Long Island is an elongated island of 73 hectares in the Hawkesbury River, about 50 km north of the Sydney central business district,New South Wales, Australia. It is joined to the mainland at its south eastern edge by the railway causeway across Sandbrook Inlet. At the other end of this causeway is the Sydney suburb of Brooklyn in Hornsby Shire, to which Long Island belongs.

Other islands in the Hawkesbury River include Dangar Island, Spectacle Island, Milson Island, Peat Island and Lion Island.

As with Spectacle Island and Lion Island, Long Island is a nature reserve (73ha, notified in 1972), which means it is illegal to visit without permission from the N.S.W. Office of Environment and Heritage.

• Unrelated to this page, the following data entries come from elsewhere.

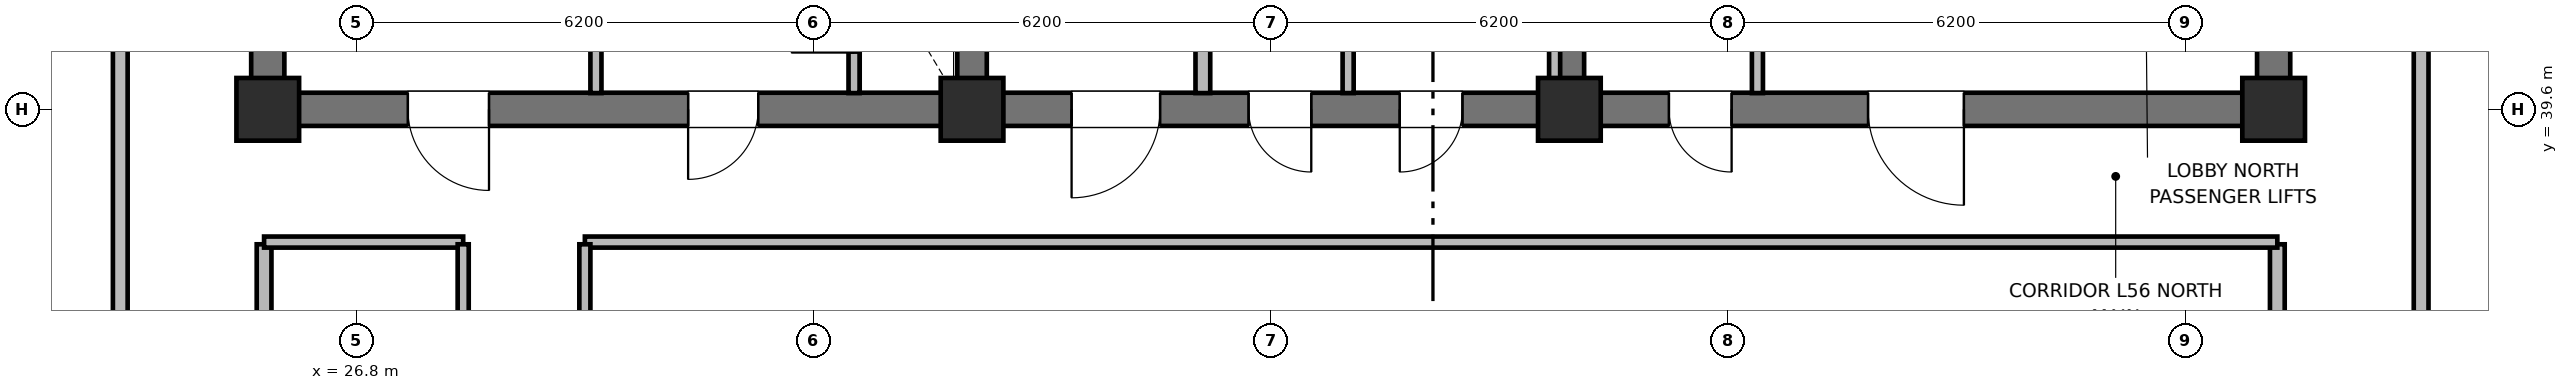
"""IFC4 building model, lengths in metres.
Left out: names, types, materials, properties, quantities, classifications, styles, units other than length and angle.
Written with IfcOpenShell. Run it as: python <this file> out.ifc"""

import sys

from ifc_helpers import new_model, si_unit, direction, frame, frame_2d, origin, origin_2d, place, context, subcontext, project, spatial, rectangle, extrude, element, fill, save


model = new_model("IFC4")
c1 = context("Model", 3, precision=1e-05, world=origin(), true_north=direction((0.0, 1.0)))
c2 = subcontext(c1, "Body", "Model", "MODEL_VIEW")
j1 = project(units=[si_unit("LENGTHUNIT", "METRE"), si_unit("PLANEANGLEUNIT", "RADIAN")], contexts=[c1])
p1 = place(None, origin())
s1 = spatial("IfcSite", under=j1, at=p1, CompositionType="ELEMENT")
p2 = place(p1, origin())
s2 = spatial("IfcBuilding", under=s1, at=p2, CompositionType="ELEMENT")
p3 = place(p2, frame((0.0, 0.0, 225.8)))
s3 = spatial("IfcBuildingStorey", under=s2, at=p3, CompositionType="ELEMENT", Elevation=225.8)
for number, where, z_axis, x_axis in (
    (1, (25.6, 39.825, 0.0), (0.0, 0.0, 1.0), (0.0, 1.0, 0.0)),
    (2, (52.8, 39.825, 0.0), (0.0, 0.0, 1.0), (0.0, 1.0, 0.0)),
):
    element("IfcWall", number, at=place(p3, frame(where, z_axis=z_axis, x_axis=x_axis)), inside=s3, PredefinedType="SHEAR", context=c2, shape_type="SweptSolid", body=[
        extrude(rectangle(XDim=5.75, YDim=0.45, at=frame_2d((2.875, 0.0))), origin(), (0.0, 0.0, 1.0), 3.7),
    ])
p4 = place(p3, frame((52.8, 39.6, 0.0), z_axis=(0.0, 0.0, 1.0), x_axis=(-1.0, 0.0, 0.0)))
e3 = element("IfcWall", 3, at=p4, inside=s3, PredefinedType="SHEAR", context=c2, shape_type="SweptSolid", body=[
    extrude(rectangle(XDim=27.2, YDim=0.45, at=frame_2d((13.6, 0.0))), origin(), (0.0, 0.0, 1.0), 3.7),
])
p5 = place(p4, frame((24.2, 0.0, 0.0)))
e4 = element("IfcOpeningElement", 4, at=p5, cuts=e3, PredefinedType="OPENING", context=c2, shape_type="SweptSolid", body=[
    extrude(rectangle(XDim=1.1, YDim=2.15, at=frame_2d((0.55, 1.075))), frame((0.0, 0.235, 0.0), z_axis=(0.0, -1.0, 0.0), x_axis=(1.0, 0.0, 0.0)), (0.0, 0.0, 1.0), 0.47),
])
p6 = place(p4, frame((20.55, 0.0, 0.0)))
e5 = element("IfcOpeningElement", 5, at=p6, cuts=e3, PredefinedType="OPENING", context=c2, shape_type="SweptSolid", body=[
    extrude(rectangle(XDim=0.95, YDim=2.1, at=frame_2d((0.475, 1.05))), frame((0.0, 0.235, 0.0), z_axis=(0.0, -1.0, 0.0), x_axis=(1.0, 0.0, 0.0)), (0.0, 0.0, 1.0), 0.47),
])
p7 = place(p4, frame((15.1, 0.0, 0.0)))
e6 = element("IfcOpeningElement", 6, at=p7, cuts=e3, PredefinedType="OPENING", context=c2, shape_type="SweptSolid", body=[
    extrude(rectangle(XDim=1.2, YDim=2.15, at=frame_2d((0.6, 1.075))), frame((0.0, 0.235, 0.0), z_axis=(0.0, -1.0, 0.0), x_axis=(1.0, 0.0, 0.0)), (0.0, 0.0, 1.0), 0.47),
])
p8 = place(p4, frame((13.05, 0.0, 0.0)))
e7 = element("IfcOpeningElement", 7, at=p8, cuts=e3, PredefinedType="OPENING", context=c2, shape_type="SweptSolid", body=[
    extrude(rectangle(XDim=0.85, YDim=2.1, at=frame_2d((0.425, 1.05))), frame((0.0, 0.235, 0.0), z_axis=(0.0, -1.0, 0.0), x_axis=(1.0, 0.0, 0.0)), (0.0, 0.0, 1.0), 0.47),
])
p9 = place(p4, frame((11.0, 0.0, 0.0)))
e8 = element("IfcOpeningElement", 8, at=p9, cuts=e3, PredefinedType="OPENING", context=c2, shape_type="SweptSolid", body=[
    extrude(rectangle(XDim=0.85, YDim=2.1, at=frame_2d((0.425, 1.05))), frame((0.0, 0.235, 0.0), z_axis=(0.0, -1.0, 0.0), x_axis=(1.0, 0.0, 0.0)), (0.0, 0.0, 1.0), 0.47),
])
p10 = place(p4, frame((7.35, 0.0, 0.0)))
e9 = element("IfcOpeningElement", 9, at=p10, cuts=e3, PredefinedType="OPENING", context=c2, shape_type="SweptSolid", body=[
    extrude(rectangle(XDim=0.85, YDim=2.1, at=frame_2d((0.425, 1.05))), frame((0.0, 0.235, 0.0), z_axis=(0.0, -1.0, 0.0), x_axis=(1.0, 0.0, 0.0)), (0.0, 0.0, 1.0), 0.47),
])
p11 = place(p4, frame((4.2, 0.0, 0.0)))
e10 = element("IfcOpeningElement", 10, at=p11, cuts=e3, PredefinedType="OPENING", context=c2, shape_type="SweptSolid", body=[
    extrude(rectangle(XDim=1.3, YDim=2.2, at=frame_2d((0.65, 1.1))), frame((0.0, 0.235, 0.0), z_axis=(0.0, -1.0, 0.0), x_axis=(1.0, 0.0, 0.0)), (0.0, 0.0, 1.0), 0.47),
])
for number, where, z_axis, x_axis in (
    (11, (35.15, 39.825, 0.0), (0.0, 0.0, 1.0), (0.0, 1.0, 0.0)),
    (12, (43.25, 39.825, 0.0), (0.0, 0.0, 1.0), (0.0, 1.0, 0.0)),
):
    element("IfcWall", number, at=place(p3, frame(where, z_axis=z_axis, x_axis=x_axis)), inside=s3, PredefinedType="SHEAR", context=c2, shape_type="SweptSolid", body=[
        extrude(rectangle(XDim=5.75, YDim=0.4, at=frame_2d((2.875, 0.0))), origin(), (0.0, 0.0, 1.0), 3.7),
    ])
for number, where, z_axis, x_axis in (
    (13, (25.6, 39.6, 0.0), (0.0, 0.0, 1.0), (1.0, 0.0, 0.0)),
    (14, (35.15, 39.6, 0.0), (0.0, 0.0, 1.0), (1.0, 0.0, 0.0)),
    (15, (43.25, 39.6, 0.0), (0.0, 0.0, 1.0), (1.0, 0.0, 0.0)),
    (16, (52.8, 39.6, 0.0), (0.0, 0.0, 1.0), (1.0, 0.0, 0.0)),
):
    element("IfcColumn", number, at=place(p3, frame(where, z_axis=z_axis, x_axis=x_axis)), inside=s3, PredefinedType="COLUMN", context=c2, shape_type="SweptSolid", body=[
        extrude(rectangle(XDim=0.85, YDim=0.85, at=origin_2d()), origin(), (0.0, 0.0, 1.0), 3.7),
    ])
p12 = place(p3, frame((33.55, 39.82, 0.0), z_axis=(0.0, 0.0, 1.0), x_axis=(0.0, 1.0, 0.0)))
e17 = element("IfcWall", 17, at=p12, inside=s3, PredefinedType="PARTITIONING", context=c2, shape_type="SweptSolid", body=[
    extrude(rectangle(XDim=2.13, YDim=0.15, at=frame_2d((1.065, 0.0))), origin(), (0.0, 0.0, 1.0), 2.56),
])
p13 = place(p12, frame((0.55, 0.0, 0.0)))
e18 = element("IfcOpeningElement", 18, at=p13, cuts=e17, PredefinedType="OPENING", context=c2, shape_type="SweptSolid", body=[
    extrude(rectangle(XDim=0.85, YDim=2.05, at=frame_2d((0.425, 1.025))), frame((0.0, 0.085, 0.0), z_axis=(0.0, -1.0, 0.0), x_axis=(1.0, 0.0, 0.0)), (0.0, 0.0, 1.0), 0.17),
])
p14 = place(p3, frame((30.05, 39.82, 0.0), z_axis=(0.0, 0.0, 1.0), x_axis=(0.0, 1.0, 0.0)))
e19 = element("IfcWall", 19, at=p14, inside=s3, PredefinedType="PARTITIONING", context=c2, shape_type="SweptSolid", body=[
    extrude(rectangle(XDim=2.13, YDim=0.15, at=frame_2d((1.065, 0.0))), origin(), (0.0, 0.0, 1.0), 2.56),
])
p15 = place(p3, frame((38.28, 39.82, 0.0), z_axis=(0.0, 0.0, 1.0), x_axis=(0.0, 1.0, 0.0)))
e20 = element("IfcWall", 20, at=p15, inside=s3, PredefinedType="PARTITIONING", context=c2, shape_type="SweptSolid", body=[
    extrude(rectangle(XDim=5.63, YDim=0.2, at=frame_2d((2.815, 0.0))), origin(), (0.0, 0.0, 1.0), 2.56),
])
for number, where, z_axis, x_axis in (
    (21, (43.05, 39.82, 0.0), (0.0, 0.0, 1.0), (0.0, 1.0, 0.0)),
    (22, (40.25, 39.82, 0.0), (0.0, 0.0, 1.0), (0.0, 1.0, 0.0)),
    (23, (45.8, 39.82, 0.0), (0.0, 0.0, 1.0), (0.0, 1.0, 0.0)),
):
    element("IfcWall", number, at=place(p3, frame(where, z_axis=z_axis, x_axis=x_axis)), inside=s3, PredefinedType="PARTITIONING", context=c2, shape_type="SweptSolid", body=[
        extrude(rectangle(XDim=5.63, YDim=0.15, at=frame_2d((2.815, 0.0))), origin(), (0.0, 0.0, 1.0), 2.56),
    ])
for number, where, z_axis, x_axis in (
    (24, (25.55, 18.63, 0.0), (0.0, 0.0, 1.0), (0.0, 1.0, 0.0)),
    (25, (52.85, 18.63, 0.0), (0.0, 0.0, 1.0), (0.0, 1.0, 0.0)),
):
    element("IfcWall", number, at=place(p3, frame(where, z_axis=z_axis, x_axis=x_axis)), inside=s3, PredefinedType="PARTITIONING", context=c2, shape_type="SweptSolid", body=[
        extrude(rectangle(XDim=19.14, YDim=0.2, at=frame_2d((9.57, 0.0))), origin(), (0.0, 0.0, 1.0), 2.56),
    ])
p16 = place(p3, frame((25.55, 37.8, 0.0), z_axis=(0.0, 0.0, 1.0), x_axis=(1.0, 0.0, 0.0)))
e26 = element("IfcWall", 26, at=p16, inside=s3, PredefinedType="PARTITIONING", context=c2, shape_type="SweptSolid", body=[
    extrude(rectangle(XDim=2.7, YDim=0.15, at=frame_2d((1.35, 0.0))), origin(), (0.0, 0.0, 1.0), 2.56),
])
p17 = place(p3, frame((29.9, 37.8, 0.0), z_axis=(0.0, 0.0, 1.0), x_axis=(1.0, 0.0, 0.0)))
e27 = element("IfcWall", 27, at=p17, inside=s3, PredefinedType="PARTITIONING", context=c2, shape_type="SweptSolid", body=[
    extrude(rectangle(XDim=22.95, YDim=0.15, at=frame_2d((11.475, 0.0))), origin(), (0.0, 0.0, 1.0), 2.56),
])
p18 = place(p3, frame((28.25, 18.63, 0.0), z_axis=(0.0, 0.0, 1.0), x_axis=(0.0, 1.0, 0.0)))
e28 = element("IfcWall", 28, at=p18, inside=s3, PredefinedType="PARTITIONING", context=c2, shape_type="SweptSolid", body=[
    extrude(rectangle(XDim=19.14, YDim=0.15, at=frame_2d((9.57, 0.0))), origin(), (0.0, 0.0, 1.0), 2.56),
])
p19 = place(p18, frame((3.0, 0.0, 0.0)))
e29 = element("IfcOpeningElement", 29, at=p19, cuts=e28, PredefinedType="OPENING", context=c2, shape_type="SweptSolid", body=[
    extrude(rectangle(XDim=0.9, YDim=2.1, at=frame_2d((0.45, 1.05))), frame((0.0, 0.085, 0.0), z_axis=(0.0, -1.0, 0.0), x_axis=(1.0, 0.0, 0.0)), (0.0, 0.0, 1.0), 0.17),
])
p20 = place(p18, frame((11.5, 0.0, 0.0)))
e30 = element("IfcOpeningElement", 30, at=p20, cuts=e28, PredefinedType="OPENING", context=c2, shape_type="SweptSolid", body=[
    extrude(rectangle(XDim=0.9, YDim=2.1, at=frame_2d((0.45, 1.05))), frame((0.0, 0.085, 0.0), z_axis=(0.0, -1.0, 0.0), x_axis=(1.0, 0.0, 0.0)), (0.0, 0.0, 1.0), 0.17),
])
p21 = place(p3, frame((29.9, 18.63, 0.0), z_axis=(0.0, 0.0, 1.0), x_axis=(0.0, 1.0, 0.0)))
e31 = element("IfcWall", 31, at=p21, inside=s3, PredefinedType="PARTITIONING", context=c2, shape_type="SweptSolid", body=[
    extrude(rectangle(XDim=19.14, YDim=0.15, at=frame_2d((9.57, 0.0))), origin(), (0.0, 0.0, 1.0), 2.56),
])
p22 = place(p21, frame((2.4, 0.0, 0.0)))
e32 = element("IfcOpeningElement", 32, at=p22, cuts=e31, PredefinedType="OPENING", context=c2, shape_type="SweptSolid", body=[
    extrude(rectangle(XDim=1.0, YDim=2.15, at=frame_2d((0.5, 1.075))), frame((0.0, 0.085, 0.0), z_axis=(0.0, -1.0, 0.0), x_axis=(1.0, 0.0, 0.0)), (0.0, 0.0, 1.0), 0.17),
])
p23 = place(p21, frame((8.89, 0.0, 0.0)))
e33 = element("IfcOpeningElement", 33, at=p23, cuts=e31, PredefinedType="OPENING", context=c2, shape_type="SweptSolid", body=[
    extrude(rectangle(XDim=1.0, YDim=2.15, at=frame_2d((0.5, 1.075))), frame((0.0, 0.085, 0.0), z_axis=(0.0, -1.0, 0.0), x_axis=(1.0, 0.0, 0.0)), (0.0, 0.0, 1.0), 0.17),
])
p24 = place(p3, frame((23.6, 9.95, 0.0), z_axis=(0.0, 0.0, 1.0), x_axis=(0.0, 1.0, 0.0)))
e34 = element("IfcWall", 34, at=p24, inside=s3, PredefinedType="PARTITIONING", context=c2, shape_type="SweptSolid", body=[
    extrude(rectangle(XDim=36.5, YDim=0.2, at=frame_2d((18.25, 0.0))), origin(), (0.0, 0.0, 1.0), 2.56),
])
p25 = place(p24, frame((3.25, 0.0, 0.0)))
e35 = element("IfcOpeningElement", 35, at=p25, cuts=e34, PredefinedType="OPENING", context=c2, shape_type="SweptSolid", body=[
    extrude(rectangle(XDim=1.0, YDim=2.15, at=frame_2d((0.5, 1.075))), frame((0.0, 0.11, 0.0), z_axis=(0.0, -1.0, 0.0), x_axis=(1.0, 0.0, 0.0)), (0.0, 0.0, 1.0), 0.22),
])
p26 = place(p3, frame((54.8, 9.95, 0.0), z_axis=(0.0, 0.0, 1.0), x_axis=(0.0, 1.0, 0.0)))
e36 = element("IfcWall", 36, at=p26, inside=s3, PredefinedType="PARTITIONING", context=c2, shape_type="SweptSolid", body=[
    extrude(rectangle(XDim=36.5, YDim=0.2, at=frame_2d((18.25, 0.0))), origin(), (0.0, 0.0, 1.0), 2.56),
])
p27 = place(p26, frame((3.25, 0.0, 0.0)))
e37 = element("IfcOpeningElement", 37, at=p27, cuts=e36, PredefinedType="OPENING", context=c2, shape_type="SweptSolid", body=[
    extrude(rectangle(XDim=1.0, YDim=2.15, at=frame_2d((0.5, 1.075))), frame((0.0, 0.11, 0.0), z_axis=(0.0, -1.0, 0.0), x_axis=(1.0, 0.0, 0.0)), (0.0, 0.0, 1.0), 0.22),
])
p28 = place(p26, frame((14.25, 0.0, 0.0)))
e38 = element("IfcOpeningElement", 38, at=p28, cuts=e36, PredefinedType="OPENING", context=c2, shape_type="SweptSolid", body=[
    extrude(rectangle(XDim=1.0, YDim=2.15, at=frame_2d((0.5, 1.075))), frame((0.0, 0.11, 0.0), z_axis=(0.0, -1.0, 0.0), x_axis=(1.0, 0.0, 0.0)), (0.0, 0.0, 1.0), 0.22),
])
p29 = place(p13, origin())
e39 = element("IfcDoor", 39, at=p29, inside=s3, OperationType="SINGLE_SWING_LEFT", PredefinedType="TRAPDOOR", context=c2, shape_type="SweptSolid", body=[
    extrude(rectangle(XDim=0.85, YDim=2.05, at=frame_2d((0.425, 1.025))), frame((0.0, 0.025, 0.0), z_axis=(0.0, -1.0, 0.0), x_axis=(1.0, 0.0, 0.0)), (0.0, 0.0, 1.0), 0.05),
])
fill(e18, e39)
p30 = place(p5, origin())
e40 = element("IfcDoor", 40, at=p30, inside=s3, OperationType="SINGLE_SWING_LEFT", PredefinedType="DOOR", context=c2, shape_type="SweptSolid", body=[
    extrude(rectangle(XDim=1.1, YDim=2.15, at=frame_2d((0.55, 1.075))), frame((0.0, 0.025, 0.0), z_axis=(0.0, -1.0, 0.0), x_axis=(1.0, 0.0, 0.0)), (0.0, 0.0, 1.0), 0.05),
])
fill(e4, e40)
p31 = place(p6, origin())
e41 = element("IfcDoor", 41, at=p31, inside=s3, OperationType="SINGLE_SWING_RIGHT", PredefinedType="DOOR", context=c2, shape_type="SweptSolid", body=[
    extrude(rectangle(XDim=0.95, YDim=2.1, at=frame_2d((0.475, 1.05))), frame((0.0, 0.025, 0.0), z_axis=(0.0, -1.0, 0.0), x_axis=(1.0, 0.0, 0.0)), (0.0, 0.0, 1.0), 0.05),
])
fill(e5, e41)
p32 = place(p7, origin())
e42 = element("IfcDoor", 42, at=p32, inside=s3, OperationType="SINGLE_SWING_RIGHT", PredefinedType="DOOR", context=c2, shape_type="SweptSolid", body=[
    extrude(rectangle(XDim=1.2, YDim=2.15, at=frame_2d((0.6, 1.075))), frame((0.0, 0.025, 0.0), z_axis=(0.0, -1.0, 0.0), x_axis=(1.0, 0.0, 0.0)), (0.0, 0.0, 1.0), 0.05),
])
fill(e6, e42)
p33 = place(p8, origin())
e43 = element("IfcDoor", 43, at=p33, inside=s3, OperationType="SINGLE_SWING_LEFT", PredefinedType="DOOR", context=c2, shape_type="SweptSolid", body=[
    extrude(rectangle(XDim=0.85, YDim=2.1, at=frame_2d((0.425, 1.05))), frame((0.0, 0.025, 0.0), z_axis=(0.0, -1.0, 0.0), x_axis=(1.0, 0.0, 0.0)), (0.0, 0.0, 1.0), 0.05),
])
fill(e7, e43)
p34 = place(p9, origin())
e44 = element("IfcDoor", 44, at=p34, inside=s3, OperationType="SINGLE_SWING_RIGHT", PredefinedType="DOOR", context=c2, shape_type="SweptSolid", body=[
    extrude(rectangle(XDim=0.85, YDim=2.1, at=frame_2d((0.425, 1.05))), frame((0.0, 0.025, 0.0), z_axis=(0.0, -1.0, 0.0), x_axis=(1.0, 0.0, 0.0)), (0.0, 0.0, 1.0), 0.05),
])
fill(e8, e44)
p35 = place(p10, origin())
e45 = element("IfcDoor", 45, at=p35, inside=s3, OperationType="SINGLE_SWING_LEFT", PredefinedType="DOOR", context=c2, shape_type="SweptSolid", body=[
    extrude(rectangle(XDim=0.85, YDim=2.1, at=frame_2d((0.425, 1.05))), frame((0.0, 0.025, 0.0), z_axis=(0.0, -1.0, 0.0), x_axis=(1.0, 0.0, 0.0)), (0.0, 0.0, 1.0), 0.05),
])
fill(e9, e45)
p36 = place(p11, origin())
e46 = element("IfcDoor", 46, at=p36, inside=s3, OperationType="SINGLE_SWING_LEFT", PredefinedType="DOOR", context=c2, shape_type="SweptSolid", body=[
    extrude(rectangle(XDim=1.3, YDim=2.2, at=frame_2d((0.65, 1.1))), frame((0.0, 0.025, 0.0), z_axis=(0.0, -1.0, 0.0), x_axis=(1.0, 0.0, 0.0)), (0.0, 0.0, 1.0), 0.05),
])
fill(e10, e46)
save(model, sys.argv[1])

The New South Wales Parks and Wildlife Service runs very infrequent guided tours of the island, for those who are interested in its flora, fauna, geology and Aboriginal history.

Some of the best views of Long Island are from Lloyd Trigonometrical station, and Tipper's Lookout, both located to the west in nearby Muogamarra Nature Reserve. From these vantage points, it is possible to look down along the length of the island and see the mouth of the Hawkesbury River and Broken Bay in the far distance.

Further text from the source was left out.